I think if you live anywhere long enough, you develop a love-hate relationship with the place. That's definitely how I would characterize my relationship with New York, and sometimes how I describe my relationship with Massachusetts.

Whoever put this video together did a good job of capturing Boston ... but where's the Citgo sign!?

When I was in elementary school and fascinated with U.S. history, Boston seemed like a dream city. And when I found out about Harvard? Forget about it! I had it all figured out: I was going to move to Cambridge with one of my friends from elementary school, and we were going to share a studio split down the center with a bookshelf -- my room was going to be a shade of purple and hers a shade of blue.

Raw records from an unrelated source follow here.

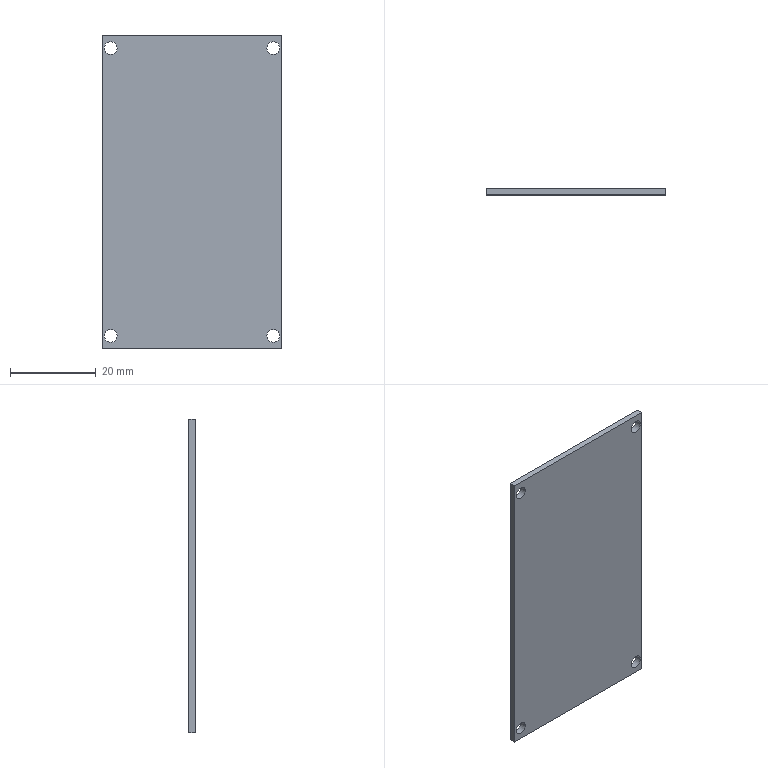Component | SolidWorks | BodyCompositionBoard-2 | 1 solid | 14 faces | box 42 x 1.5 x 73.3 mm | volume 4575 mm3 | cylinder 8 | plane 6 | commonest cylinder face diameters 3 x8
STEP:
#1=CARTESIAN_POINT('',(44.122,58.752,79.869));
#2=VERTEX_POINT('',#1);
#3=CARTESIAN_POINT('',(44.24,58.752,79.869));
#4=VERTEX_POINT('',#3);
#5=CARTESIAN_POINT('',(44.181,58.752,79.869));
#6=DIRECTION('',(0.,1.,0.));
#7=DIRECTION('',(-1.,0.,0.));
#8=AXIS2_PLACEMENT_3D('',#5,#6,#7);
#9=CIRCLE('',#8,0.05906);
#10=EDGE_CURVE('',#2,#4,#9,.T.);
#11=ORIENTED_EDGE('',*,*,#10,.F.);
#12=CARTESIAN_POINT('',(44.122,58.811,79.869));
#13=VERTEX_POINT('',#12);
#14=CARTESIAN_POINT('',(44.122,58.752,79.869));
#15=DIRECTION('',(0.,1.,0.));
#16=VECTOR('',#15,39.37);
#17=LINE('',#14,#16);
#18=EDGE_CURVE('',#2,#13,#17,.T.);
#19=ORIENTED_EDGE('',*,*,#18,.T.);
#20=CARTESIAN_POINT('',(44.24,58.811,79.869));
#21=VERTEX_POINT('',#20);
#22=CARTESIAN_POINT('',(44.181,58.811,79.869));
#23=DIRECTION('',(0.,1.,0.));
#24=DIRECTION('',(-1.,0.,0.));
#25=AXIS2_PLACEMENT_3D('',#22,#23,#24);
#26=CIRCLE('',#25,0.05906);
#27=EDGE_CURVE('',#13,#21,#26,.T.);
#28=ORIENTED_EDGE('',*,*,#27,.T.);
#29=CARTESIAN_POINT('',(44.24,58.752,79.869));
#30=DIRECTION('',(0.,1.,0.));
#31=VECTOR('',#30,39.37);
#32=LINE('',#29,#31);
#33=EDGE_CURVE('',#4,#21,#32,.T.);
#34=ORIENTED_EDGE('',*,*,#33,.F.);
#35=EDGE_LOOP('',(#11,#19,#28,#34));
#36=FACE_OUTER_BOUND('',#35,.T.);
#37=CARTESIAN_POINT('',(44.181,58.752,79.869));
#38=DIRECTION('',(0.,1.,0.));
#39=DIRECTION('',(1.,0.,0.));
#40=AXIS2_PLACEMENT_3D('',#37,#38,#39);
#41=CYLINDRICAL_SURFACE('',#40,0.05906);
#42=ADVANCED_FACE('',(#36),#41,.F.);
#43=CARTESIAN_POINT('',(45.618,58.752,79.869));
#44=VERTEX_POINT('',#43);
#45=CARTESIAN_POINT('',(45.736,58.752,79.869));
#46=VERTEX_POINT('',#45);
#47=CARTESIAN_POINT('',(45.677,58.752,79.869));
#48=DIRECTION('',(0.,1.,0.));
#49=DIRECTION('',(1.,0.,0.));
#50=AXIS2_PLACEMENT_3D('',#47,#48,#49);
#51=CIRCLE('',#50,0.05906);
#52=EDGE_CURVE('',#44,#46,#51,.T.);
#53=ORIENTED_EDGE('',*,*,#52,.F.);
#54=CARTESIAN_POINT('',(45.618,58.811,79.869));
#55=VERTEX_POINT('',#54);
#56=CARTESIAN_POINT('',(45.618,58.752,79.869));
#57=DIRECTION('',(0.,1.,0.));
#58=VECTOR('',#57,39.37);
#59=LINE('',#56,#58);
#60=EDGE_CURVE('',#44,#55,#59,.T.);
#61=ORIENTED_EDGE('',*,*,#60,.T.);
#62=CARTESIAN_POINT('',(45.736,58.811,79.869));
#63=VERTEX_POINT('',#62);
#64=CARTESIAN_POINT('',(45.677,58.811,79.869));
#65=DIRECTION('',(0.,1.,0.));
#66=DIRECTION('',(1.,0.,0.));
#67=AXIS2_PLACEMENT_3D('',#64,#65,#66);
#68=CIRCLE('',#67,0.05906);
#69=EDGE_CURVE('',#55,#63,#68,.T.);
#70=ORIENTED_EDGE('',*,*,#69,.T.);
#71=CARTESIAN_POINT('',(45.736,58.752,79.869));
#72=DIRECTION('',(0.,1.,0.));
#73=VECTOR('',#72,39.37);
#74=LINE('',#71,#73);
#75=EDGE_CURVE('',#46,#63,#74,.T.);
#76=ORIENTED_EDGE('',*,*,#75,.F.);
#77=EDGE_LOOP('',(#53,#61,#70,#76));
#78=FACE_OUTER_BOUND('',#77,.T.);
#79=CARTESIAN_POINT('',(45.677,58.752,79.869));
#80=DIRECTION('',(0.,1.,0.));
#81=DIRECTION('',(1.,0.,0.));
#82=AXIS2_PLACEMENT_3D('',#79,#80,#81);
#83=CYLINDRICAL_SURFACE('',#82,0.05906);
#84=ADVANCED_FACE('',(#78),#83,.F.);
#85=CARTESIAN_POINT('',(45.618,58.752,82.519));
#86=VERTEX_POINT('',#85);
#87=CARTESIAN_POINT('',(45.736,58.752,82.519));
#88=VERTEX_POINT('',#87);
#89=CARTESIAN_POINT('',(45.677,58.752,82.519));
#90=DIRECTION('',(0.,1.,0.));
#91=DIRECTION('',(-1.,0.,0.));
#92=AXIS2_PLACEMENT_3D('',#89,#90,#91);
#93=CIRCLE('',#92,0.05906);
#94=EDGE_CURVE('',#86,#88,#93,.T.);
#95=ORIENTED_EDGE('',*,*,#94,.F.);
#96=CARTESIAN_POINT('',(45.618,58.811,82.519));
#97=VERTEX_POINT('',#96);
#98=CARTESIAN_POINT('',(45.618,58.752,82.519));
#99=DIRECTION('',(0.,1.,0.));
#100=VECTOR('',#99,39.37);
#101=LINE('',#98,#100);
#102=EDGE_CURVE('',#86,#97,#101,.T.);
#103=ORIENTED_EDGE('',*,*,#102,.T.);
#104=CARTESIAN_POINT('',(45.736,58.811,82.519));
#105=VERTEX_POINT('',#104);
#106=CARTESIAN_POINT('',(45.677,58.811,82.519));
#107=DIRECTION('',(0.,1.,0.));
#108=DIRECTION('',(-1.,0.,0.));
#109=AXIS2_PLACEMENT_3D('',#106,#107,#108);
#110=CIRCLE('',#109,0.05906);
#111=EDGE_CURVE('',#97,#105,#110,.T.);
#112=ORIENTED_EDGE('',*,*,#111,.T.);
#113=CARTESIAN_POINT('',(45.736,58.752,82.519));
#114=DIRECTION('',(0.,1.,0.));
#115=VECTOR('',#114,39.37);
#116=LINE('',#113,#115);
#117=EDGE_CURVE('',#88,#105,#116,.T.);
#118=ORIENTED_EDGE('',*,*,#117,.F.);
#119=EDGE_LOOP('',(#95,#103,#112,#118));
#120=FACE_OUTER_BOUND('',#119,.T.);
#121=CARTESIAN_POINT('',(45.677,58.752,82.519));
#122=DIRECTION('',(0.,1.,0.));
#123=DIRECTION('',(1.,0.,0.));
#124=AXIS2_PLACEMENT_3D('',#121,#122,#123);
#125=CYLINDRICAL_SURFACE('',#124,0.05906);
#126=ADVANCED_FACE('',(#120),#125,.F.);
#127=CARTESIAN_POINT('',(44.122,58.752,82.519));
#128=VERTEX_POINT('',#127);
#129=CARTESIAN_POINT('',(44.24,58.752,82.519));
#130=VERTEX_POINT('',#129);
#131=CARTESIAN_POINT('',(44.181,58.752,82.519));
#132=DIRECTION('',(0.,1.,0.));
#133=DIRECTION('',(1.,0.,0.));
#134=AXIS2_PLACEMENT_3D('',#131,#132,#133);
#135=CIRCLE('',#134,0.05906);
#136=EDGE_CURVE('',#128,#130,#135,.T.);
#137=ORIENTED_EDGE('',*,*,#136,.F.);
#138=CARTESIAN_POINT('',(44.122,58.811,82.519));
#139=VERTEX_POINT('',#138);
#140=CARTESIAN_POINT('',(44.122,58.752,82.519));
#141=DIRECTION('',(0.,1.,0.));
#142=VECTOR('',#141,39.37);
#143=LINE('',#140,#142);
#144=EDGE_CURVE('',#128,#139,#143,.T.);
#145=ORIENTED_EDGE('',*,*,#144,.T.);
#146=CARTESIAN_POINT('',(44.24,58.811,82.519));
#147=VERTEX_POINT('',#146);
#148=CARTESIAN_POINT('',(44.181,58.811,82.519));
#149=DIRECTION('',(0.,1.,0.));
#150=DIRECTION('',(1.,0.,0.));
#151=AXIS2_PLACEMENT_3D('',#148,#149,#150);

My first visit to the Boston/Cambridge area was when I was in the fourth grade. We did some of the walking trails, visited Faneuil Hall, the Museum of Science, and The Paul Revere House. We paid my "future school" a visit, and I think I even rubbed John Harvard's (statue's) shoe, in hopes that it would get me into the university (it didn't). I visited again when I was 13, and this time I got to see the more "normal" parts of town, like Newbury Street and Long Wharf. And then I visited a couple more times during the college process in high school.

When I did finally go to college, it was in the suburbs of Boston. While I didn't exactly think Boston was going to be the magical city I once thought it was, I did imagine all these beautiful New England college scenes. You know the kind I'm talking about -- paths leading to beautiful colonial academic buildings, covered in red and orange leaves. And I'd watched enough Gilmore Girls that I imagined that maybe life would resemble Stars Hollow.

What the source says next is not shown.